# Skull painting?



## SpartaDog (Jan 8, 2010)

Has anyone ever tried it, and does anyone know where to start?

I'm looking to give it a shot, but I don't know where to actually get a deer, or goat/ram skull for under $30 (I'm 16 and jobless XD). Also, I planned on just using acrylic paint. Is that a bad idea for any reason? Will it damage the skull at all, or will the paint just come off?

Finally, what's the best way to mount it? I kind of really want to attach a fake spine and mount it like a trophy head, but I don't know how that would work, or if I'd be able to afford it.

Oh, in case anyone's lost, these are examples of  skull paintings: 
- http://www.protoguy.org/images/DogSkull_lge.jpg
- http://www.rainbowartifacts.com/bones/skulls/deerskullRIMG0001.jpg
- (This is closest to the style I'd be going for) http://media.merchantcircle.com/30145219/skulls 010_medium.jpeg

Thanks in advance!


----------



## Amethyst (Jan 13, 2010)

hmmm, I am interest. 

I actually have a fox skull kicking around that I got from a mumified fox ( yes, I had to peeeel the skin and bones away). Its never really going to go back to that yellow bone colour, instead its grey. But maybe if I paint over it...


----------



## KashakuTatsu (Jan 13, 2010)

acrylic paint will peel off of anything you put it on without damaging the surface (so far lol it's gotten on my car, clothes, furniture, pumpkin and no damages). Bone is porous but I don't think it'd damage it. You may want to prime it first. When it's done be sure to put fix over the paint so it doesn't rub off. 
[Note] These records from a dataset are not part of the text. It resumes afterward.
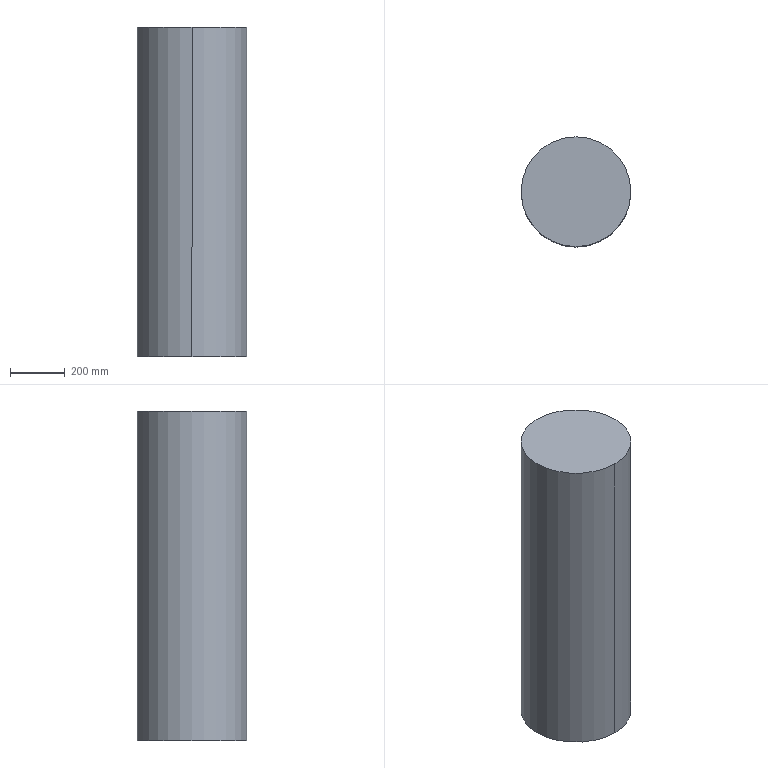Component | SolidWorks | FlexibleLegPinAxis-1 | 1 solid | 4 faces | box 400 x 400 x 1200 mm | volume 150796447 mm3 | cylinder 2 | plane 2 | commonest cylinder face diameters 400 x2
build123d program:
from build123d import *

# Parameters (mm, degrees)
SKETCH1_R           = 200
BOSS_EXTRUDE1_DEPTH = 1200


with BuildPart() as part:
    # Sketch1 → Boss-Extrude1 (new body)
    with BuildSketch(Plane(origin=(0, 0, 0), x_dir=(1, 0, 0), z_dir=(0, 1, 0))):
        with Locations(Location((0, 0, 0), (0, 0, 270))):
            Circle(SKETCH1_R)
    extrude(amount=BOSS_EXTRUDE1_DEPTH)


solid = part.part

# Placed as in the assembly
solid = solid.moved(Location((-4068.967, 20198.918, -12526.996), (90, 0, 0)))
STEP:
#1=COLOUR_RGB('',0.7922,0.8196,0.9333);
#2=FILL_AREA_STYLE_COLOUR('',#1);
#3=FILL_AREA_STYLE('',(#2));
#4=SURFACE_STYLE_FILL_AREA(#3);
#5=SURFACE_SIDE_STYLE('',(#4));
#6=SURFACE_STYLE_USAGE(.BOTH.,#5);
#7=PRESENTATION_STYLE_ASSIGNMENT((#6));
#8=CARTESIAN_POINT('',(-160.196,803.107,-493.189));
#9=VERTEX_POINT('',#8);
#10=CARTESIAN_POINT('',(-160.196,787.359,-493.189));
#11=VERTEX_POINT('',#10);
#12=CARTESIAN_POINT('',(-160.196,795.233,-493.189));
#13=DIRECTION('',(-0.0000002,0.,-1.));
#14=DIRECTION('',(-0.0000002,1.,0.));
#15=AXIS2_PLACEMENT_3D('',#12,#13,#14);
#16=CIRCLE('',#15,7.874);
#17=EDGE_CURVE('',#9,#11,#16,.T.);
#18=ORIENTED_EDGE('',*,*,#17,.F.);
#19=CARTESIAN_POINT('',(-160.196,803.107,-445.945));
#20=VERTEX_POINT('',#19);
#21=CARTESIAN_POINT('',(-160.196,803.107,-493.189));
#22=DIRECTION('',(0.0000002,-0.,1.));
#23=VECTOR('',#22,39.37);
#24=LINE('',#21,#23);
#25=EDGE_CURVE('',#9,#20,#24,.T.);
#26=ORIENTED_EDGE('',*,*,#25,.T.);
#27=CARTESIAN_POINT('',(-160.196,787.359,-445.945));
#28=VERTEX_POINT('',#27);
#29=CARTESIAN_POINT('',(-160.196,795.233,-445.945));
#30=DIRECTION('',(-0.0000002,0.,-1.));
#31=DIRECTION('',(-0.0000002,1.,0.));
#32=AXIS2_PLACEMENT_3D('',#29,#30,#31);
#33=CIRCLE('',#32,7.874);
#34=EDGE_CURVE('',#20,#28,#33,.T.);
#35=ORIENTED_EDGE('',*,*,#34,.T.);
#36=CARTESIAN_POINT('',(-160.196,787.359,-493.189));
#37=DIRECTION('',(0.0000002,-0.,1.));
#38=VECTOR('',#37,39.37);
#39=LINE('',#36,#38);
#40=EDGE_CURVE('',#11,#28,#39,.T.);
#41=ORIENTED_EDGE('',*,*,#40,.F.);
#42=EDGE_LOOP('',(#18,#26,#35,#41));
#43=FACE_OUTER_BOUND('',#42,.T.);
#44=CARTESIAN_POINT('',(-160.196,795.233,-493.189));
#45=DIRECTION('',(0.0000002,-0.,1.));
#46=DIRECTION('',(0.0000002,-1.,-0.));
#47=AXIS2_PLACEMENT_3D('',#44,#45,#46);
#48=CYLINDRICAL_SURFACE('',#47,7.874);
#49=ADVANCED_FACE('',(#43),#48,.T.);
#50=ORIENTED_EDGE('',*,*,#25,.F.);
#51=CARTESIAN_POINT('',(-160.196,795.233,-493.189));
#52=DIRECTION('',(-0.0000002,0.,-1.));
#53=DIRECTION('',(-0.0000002,1.,0.));
#54=AXIS2_PLACEMENT_3D('',#51,#52,#53);
#55=CIRCLE('',#54,7.874);
#56=EDGE_CURVE('',#11,#9,#55,.T.);
#57=ORIENTED_EDGE('',*,*,#56,.F.);
#58=ORIENTED_EDGE('',*,*,#40,.T.);
#59=CARTESIAN_POINT('',(-160.196,795.233,-445.945));
#60=DIRECTION('',(-0.0000002,0.,-1.));
#61=DIRECTION('',(-0.0000002,1.,0.));
#62=AXIS2_PLACEMENT_3D('',#59,#60,#61);
#63=CIRCLE('',#62,7.874);
#64=EDGE_CURVE('',#28,#20,#63,.T.);
#65=ORIENTED_EDGE('',*,*,#64,.T.);
#66=EDGE_LOOP('',(#50,#57,#58,#65));
#67=FACE_OUTER_BOUND('',#66,.T.);
#68=CARTESIAN_POINT('',(-160.196,795.233,-493.189));
#69=DIRECTION('',(0.0000002,-0.,1.));
#70=DIRECTION('',(0.0000002,-1.,-0.));
#71=AXIS2_PLACEMENT_3D('',#68,#69,#70);
#72=CYLINDRICAL_SURFACE('',#71,7.874);
#73=ADVANCED_FACE('',(#67),#72,.T.);
#74=ORIENTED_EDGE('',*,*,#56,.T.);
#75=ORIENTED_EDGE('',*,*,#17,.T.);
#76=EDGE_LOOP('',(#74,#75));
#77=FACE_OUTER_BOUND('',#76,.T.);
#78=CARTESIAN_POINT('',(-160.196,795.233,-493.189));
#79=DIRECTION('',(-0.0000002,0.,-1.));
#80=DIRECTION('',(-0.0000002,1.,0.));
#81=AXIS2_PLACEMENT_3D('',#78,#79,#80);
#82=PLANE('',#81);
#83=ADVANCED_FACE('',(#77),#82,.T.);
#84=ORIENTED_EDGE('',*,*,#64,.F.);
#85=ORIENTED_EDGE('',*,*,#34,.F.);
#86=EDGE_LOOP('',(#84,#85));
#87=FACE_OUTER_BOUND('',#86,.T.);
#88=CARTESIAN_POINT('',(-160.196,795.233,-445.945));
#89=DIRECTION('',(-0.0000002,0.,-1.));
#90=DIRECTION('',(-0.0000002,1.,0.));
#91=AXIS2_PLACEMENT_3D('',#88,#89,#90);
#92=PLANE('',#91);
#93=ADVANCED_FACE('',(#87),#92,.F.);
#94=CLOSED_SHELL('',(#49,#73,#83,#93));
#95=MANIFOLD_SOLID_BREP('',#94);
#96=STYLED_ITEM('',(#7),#95);
#97=PRESENTATION_LAYER_ASSIGNMENT('','',(#96));
#98=(LENGTH_UNIT()NAMED_UNIT(*)SI_UNIT($,.METRE.));
#99=LENGTH_MEASURE_WITH_UNIT(LENGTH_MEASURE(0.0254),#98);
#100=DIMENSIONAL_EXPONENTS(1.,0.,0.,0.,0.,0.,0.);
#101=(CONVERSION_BASED_UNIT('',#99)LENGTH_UNIT()NAMED_UNIT(#100));
#102=UNCERTAINTY_MEASURE_WITH_UNIT(LENGTH_MEASURE(0.00001),#101,'','');
#103=(NAMED_UNIT(*)PLANE_ANGLE_UNIT()SI_UNIT($,.RADIAN.));
#104=(NAMED_UNIT(*)SI_UNIT($,.STERADIAN.)SOLID_ANGLE_UNIT());
#105=(GEOMETRIC_REPRESENTATION_CONTEXT(3)GLOBAL_UNCERTAINTY_ASSIGNED_CONTEXT((#102))GLOBAL_UNIT_ASSIGNED_CONTEXT((#101,#103,#104))REPRESENTATION_CONTEXT('',''));
#106=MECHANICAL_DESIGN_GEOMETRIC_PRESENTATION_REPRESENTATION('',(#96),#105);
#107=CARTESIAN_POINT('',(0.,0.,0.));
#108=DIRECTION('',(0.,0.,1.));
#109=DIRECTION('',(1.,0.,0.));
#110=AXIS2_PLACEMENT_3D('',#107,#108,#109);
#111=(LENGTH_UNIT()NAMED_UNIT(*)SI_UNIT($,.METRE.));
#112=LENGTH_MEASURE_WITH_UNIT(LENGTH_MEASURE(0.0254),#111);
#113=DIMENSIONAL_EXPONENTS(1.,0.,0.,0.,0.,0.,0.);
#114=(CONVERSION_BASED_UNIT('',#112)LENGTH_UNIT()NAMED_UNIT(#113));
#115=UNCERTAINTY_MEASURE_WITH_UNIT(LENGTH_MEASURE(0.00001),#114,'','');
#116=(NAMED_UNIT(*)PLANE_ANGLE_UNIT()SI_UNIT($,.RADIAN.));
#117=(NAMED_UNIT(*)SI_UNIT($,.STERADIAN.)SOLID_ANGLE_UNIT());
#118=(GEOMETRIC_REPRESENTATION_CONTEXT(3)GLOBAL_UNCERTAINTY_ASSIGNED_CONTEXT((#115))GLOBAL_UNIT_ASSIGNED_CONTEXT((#114,#116,#117))REPRESENTATION_CONTEXT('',''));
#119=ADVANCED_BREP_SHAPE_REPRESENTATION('',(#95,#110),#118);
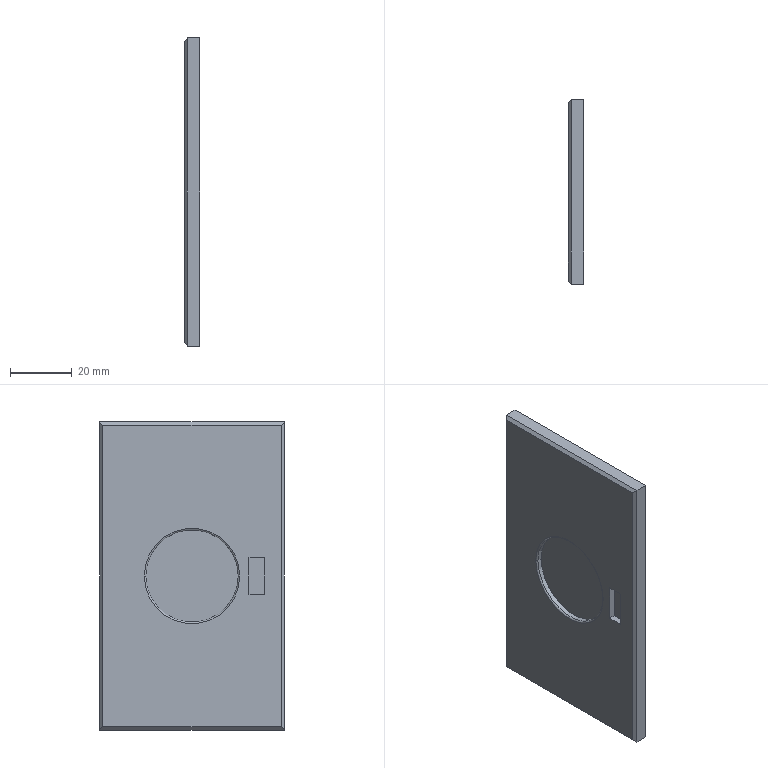Component | SolidWorks | CameraFillLightBracketTable-1 | 1 solid | 20 faces | box 5 x 60 x 100 mm | volume 28303 mm3 | plane 16 | torus 2 | cylinder 2 | commonest cylinder face diameters 30 x2
build123d program:
from build123d import *

# Parameters (mm, degrees)
SKETCH1_W           = 100
SKETCH1_H           = 60
BOSS_EXTRUDE1_DEPTH = 5
CHAMFER1_SIZE       = 1
SKETCH2_R           = 15
CUT_EXTRUDE1_DEPTH  = 2
FILLET1_R           = 0.5
SKETCH3_W           = 12
SKETCH3_H           = 5
CUT_EXTRUDE2_DEPTH  = 2


with BuildPart() as part:
    # Sketch1 → Boss-Extrude1 (new body)
    with BuildSketch(Plane(origin=(0, 0, 0), x_dir=(1, 0, 0), z_dir=(0, 1, 0))):
        Rectangle(SKETCH1_W, SKETCH1_H)
    extrude(amount=BOSS_EXTRUDE1_DEPTH)

    # Chamfer1
    chamfer1_edges = [part.edges().sort_by_distance(p)[0] for p in [
        (-50, 5, 0),
        (0, 5, 30),
        (50, 5, 0),
        (0, 5, -30),
    ]]
    chamfer(chamfer1_edges, length=CHAMFER1_SIZE)

    # Sketch2 → Cut-Extrude1 (cut)
    with BuildSketch(Plane(origin=(0, 5, 0), x_dir=(1, 0, 0), z_dir=(0, 1, 0))):
        with Locations(Location((0, 0, 0), (0, 0, 270))):
            Circle(SKETCH2_R)
    extrude(amount=-CUT_EXTRUDE1_DEPTH, mode=Mode.SUBTRACT)

    # Fillet1
    fillet1_edges = [part.edges().sort_by_distance(p)[0] for p in [
        (0, 5, -15),
    ]]
    fillet(fillet1_edges, radius=FILLET1_R)

    # Sketch3 → Cut-Extrude2 (cut)
    with BuildSketch(Plane(origin=(0, 5, 0), x_dir=(1, 0, 0), z_dir=(0, 1, 0))):
        with Locations((0, -21)):
            Rectangle(SKETCH3_W, SKETCH3_H)
    extrude(amount=-CUT_EXTRUDE2_DEPTH, mode=Mode.SUBTRACT)


solid = part.part

# Placed as in the assembly
solid = solid.moved(Location((298.5, 600, 0), (90, 0, 90)))
STEP:
#1=CARTESIAN_POINT('',(11.555,24.232,-0.));
#2=VERTEX_POINT('',#1);
#3=CARTESIAN_POINT('',(11.555,23.012,-0.));
#4=VERTEX_POINT('',#3);
#5=CARTESIAN_POINT('',(11.555,23.622,-0.));
#6=DIRECTION('',(1.,0.,0.));
#7=DIRECTION('',(0.,-1.,-0.));
#8=AXIS2_PLACEMENT_3D('',#5,#6,#7);
#9=CIRCLE('',#8,0.6102);
#10=EDGE_CURVE('',#2,#4,#9,.T.);
#11=ORIENTED_EDGE('',*,*,#10,.F.);
#12=CARTESIAN_POINT('',(11.575,24.213,-0.));
#13=VERTEX_POINT('',#12);
#14=CARTESIAN_POINT('',(11.575,24.232,-0.));
#15=DIRECTION('',(-0.,-0.,1.));
#16=DIRECTION('',(0.,-1.,-0.));
#17=AXIS2_PLACEMENT_3D('',#14,#15,#16);
#18=CIRCLE('',#17,0.01969);
#19=EDGE_CURVE('',#2,#13,#18,.T.);
#20=ORIENTED_EDGE('',*,*,#19,.T.);
#21=CARTESIAN_POINT('',(11.575,23.031,-0.));
#22=VERTEX_POINT('',#21);
#23=CARTESIAN_POINT('',(11.575,23.622,-0.));
#24=DIRECTION('',(-1.,0.,-0.));
#25=DIRECTION('',(0.,-1.,-0.));
#26=AXIS2_PLACEMENT_3D('',#23,#24,#25);
#27=CIRCLE('',#26,0.5906);
#28=EDGE_CURVE('',#22,#13,#27,.T.);
#29=ORIENTED_EDGE('',*,*,#28,.F.);
#30=CARTESIAN_POINT('',(11.575,23.012,-0.));
#31=DIRECTION('',(0.,0.,-1.));
#32=DIRECTION('',(0.,1.,0.));
#33=AXIS2_PLACEMENT_3D('',#30,#31,#32);
#34=CIRCLE('',#33,0.01969);
#35=EDGE_CURVE('',#4,#22,#34,.T.);
#36=ORIENTED_EDGE('',*,*,#35,.F.);
#37=EDGE_LOOP('',(#11,#20,#29,#36));
#38=FACE_OUTER_BOUND('',#37,.T.);
#39=CARTESIAN_POINT('',(11.575,23.622,-0.));
#40=DIRECTION('',(-1.,0.,-0.));
#41=DIRECTION('',(0.,-1.,-0.));
#42=AXIS2_PLACEMENT_3D('',#39,#40,#41);
#43=TOROIDAL_SURFACE('',#42,0.6102,0.01969);
#44=ADVANCED_FACE('',(#38),#43,.T.);
#45=CARTESIAN_POINT('',(11.634,24.213,-0.));
#46=VERTEX_POINT('',#45);
#47=CARTESIAN_POINT('',(11.634,23.031,-0.));
#48=VERTEX_POINT('',#47);
#49=CARTESIAN_POINT('',(11.634,23.622,-0.));
#50=DIRECTION('',(-1.,0.,-0.));
#51=DIRECTION('',(0.,-1.,-0.));
#52=AXIS2_PLACEMENT_3D('',#49,#50,#51);
#53=CIRCLE('',#52,0.5906);
#54=EDGE_CURVE('',#46,#48,#53,.T.);
#55=ORIENTED_EDGE('',*,*,#54,.F.);
#56=CARTESIAN_POINT('',(11.634,24.213,-0.));
#57=DIRECTION('',(-1.,0.,-0.));
#58=VECTOR('',#57,39.37);
#59=LINE('',#56,#58);
#60=EDGE_CURVE('',#46,#13,#59,.T.);
#61=ORIENTED_EDGE('',*,*,#60,.T.);
#62=CARTESIAN_POINT('',(11.575,23.622,-0.));
#63=DIRECTION('',(-1.,0.,-0.));
#64=DIRECTION('',(0.,-1.,-0.));
#65=AXIS2_PLACEMENT_3D('',#62,#63,#64);
#66=CIRCLE('',#65,0.5906);
#67=EDGE_CURVE('',#13,#22,#66,.T.);
#68=ORIENTED_EDGE('',*,*,#67,.T.);
#69=CARTESIAN_POINT('',(11.634,23.031,-0.));
#70=DIRECTION('',(-1.,0.,-0.));
#71=VECTOR('',#70,39.37);
#72=LINE('',#69,#71);
#73=EDGE_CURVE('',#48,#22,#72,.T.);
#74=ORIENTED_EDGE('',*,*,#73,.F.);
#75=EDGE_LOOP('',(#55,#61,#68,#74));
#76=FACE_OUTER_BOUND('',#75,.T.);
#77=CARTESIAN_POINT('',(11.634,23.622,-0.));
#78=DIRECTION('',(-1.,0.,-0.));
#79=DIRECTION('',(0.,-1.,-0.));
#80=AXIS2_PLACEMENT_3D('',#77,#78,#79);
#81=CYLINDRICAL_SURFACE('',#80,0.5906);
#82=ADVANCED_FACE('',(#76),#81,.F.);
#83=CARTESIAN_POINT('',(11.594,24.803,1.969));
#84=VERTEX_POINT('',#83);
#85=CARTESIAN_POINT('',(11.752,24.803,1.969));
#86=VERTEX_POINT('',#85);
#87=CARTESIAN_POINT('',(11.555,24.803,1.969));
#88=DIRECTION('',(1.,0.,0.));
#89=VECTOR('',#88,39.37);
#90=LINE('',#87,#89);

As far as where to get bones, wait until hunting season and start contacting butchers to see if any will give you the skulls from the deer/etc they clean. Also maybe contact the county sheriff, they sometimes have programs where they allow you to pick up any deer that have been hit on the road... you can do whatever you want with the carcass as long as it's off their high way. If ya get one, I need some femurs hehe

I've been interested in working with bone for many things, I'll be interested to see how your painting comes out


----------



## SpartaDog (Jan 13, 2010)

Thanks, but I doubt I could clean it myself so roadkill is outta the question XD

I'll look into some butchers, and I've got a few friends that hunt.

What would I use to prime it?


----------



## KashakuTatsu (Jan 13, 2010)

I would guess a primer that's used with acrylic, but that stuff has stuck on my desk, a pumpkin and my car's hood so you may not have to prime it. I'd try a test patch under it. From what I've experienced with acrylic is pretty much just rubs off anything you put it on and doesn't really absorb.


----------



## selkie (Jan 13, 2010)

http://theevolutionstore.com/
Please go for the replicas. I'm actually kind of bothered by somebody using the skull of a dead animal as art.


----------



## Voodoowolf (Jan 13, 2010)

selkie said:


> http://theevolutionstore.com/
> Please go for the replicas. I'm actually kind of bothered by somebody using the skull of a dead animal as art.



there are a lot of questionable art out there heh i remember two artists from my art history survey class in college that used human cadavers as sculptures one disected them and made sculptures showing all the muscles and what not the other used the bones and made a skull with precious stones covering it for 10.5 million dollars
just shows the old saying anything is art is true haha
but that is a good resource for those that dont wish to use actual remains

also as for using roadkill i dont recommend it seeing as its a pain in the butt to strip down and such unless you pay a taxadermist to do so (i had a forensics extra credit project for school that i used a fox that a hunter had shot and left in)

also to prime your best bet would be white gesso its what is used for canvases so you can use any paint on it as well


----------



## SpartaDog (Jan 13, 2010)

selkie said:
			
		

> http://theevolutionstore.com/
> Please go for the replicas. I'm actually kind of bothered by somebody using the skull of a dead animal as art.



Thanks for the link. I can't say it'd bother me to use a real skull. I think it's nice to reuse things. The Native Americans used every part of their kills, and the skulls and bones often wound up as decoration. I say as long as the animal isn't killed FOR the art, it won't bother me. That being said, I'll definitely look into replicas.



			
				Voodoowolf said:
			
		

> there are a lot of questionable art out there heh i remember two artists from my art history survey class in college that used human cadavers as sculptures one disected them and made sculptures showing all the muscles and what not the other used the bones and made a skull with precious stones covering it for 10.5 million dollars
> just shows the old saying anything is art is true haha
> but that is a good resource for those that dont wish to use actual remains
> 
> ...



Sounds like that body works exhibition that went around the country. That was amazing.

Yeah, roadkill is definitely a no-go. There's also the issue of sanitation, and the likelihood of broken skulls and antlers.

Oh, good. My mom has a couple bottles of gesso lying around in her paint box. Awesome.

Thanks, guys!


----------



## Piscin (Jan 14, 2010)

Acrylic paint will eventually wear off of the skull, and will likely stain it as well due to the porous nature of the bone.  Priming is a must.  A regular indoor wall primer should work if you want to keep the cost down, but I would recommend a good artist canvas primer. I would also recommend getting a decent quality of acrylic paint.
For finding the bones, start with a butcher, definitely.  Most should just about give them to you.  You may also want to look at a taxidermist.  Sometimes they have skulls that they cannot use.  Plus they would be the best source for mounting the finished product.
You may want to also consider getting one skull and then making a plaster mold of it and cast your own replicas if for no other reason than practice.  It was always easy enough to "white out" a canvas, but a skull could be a totally different matter.


----------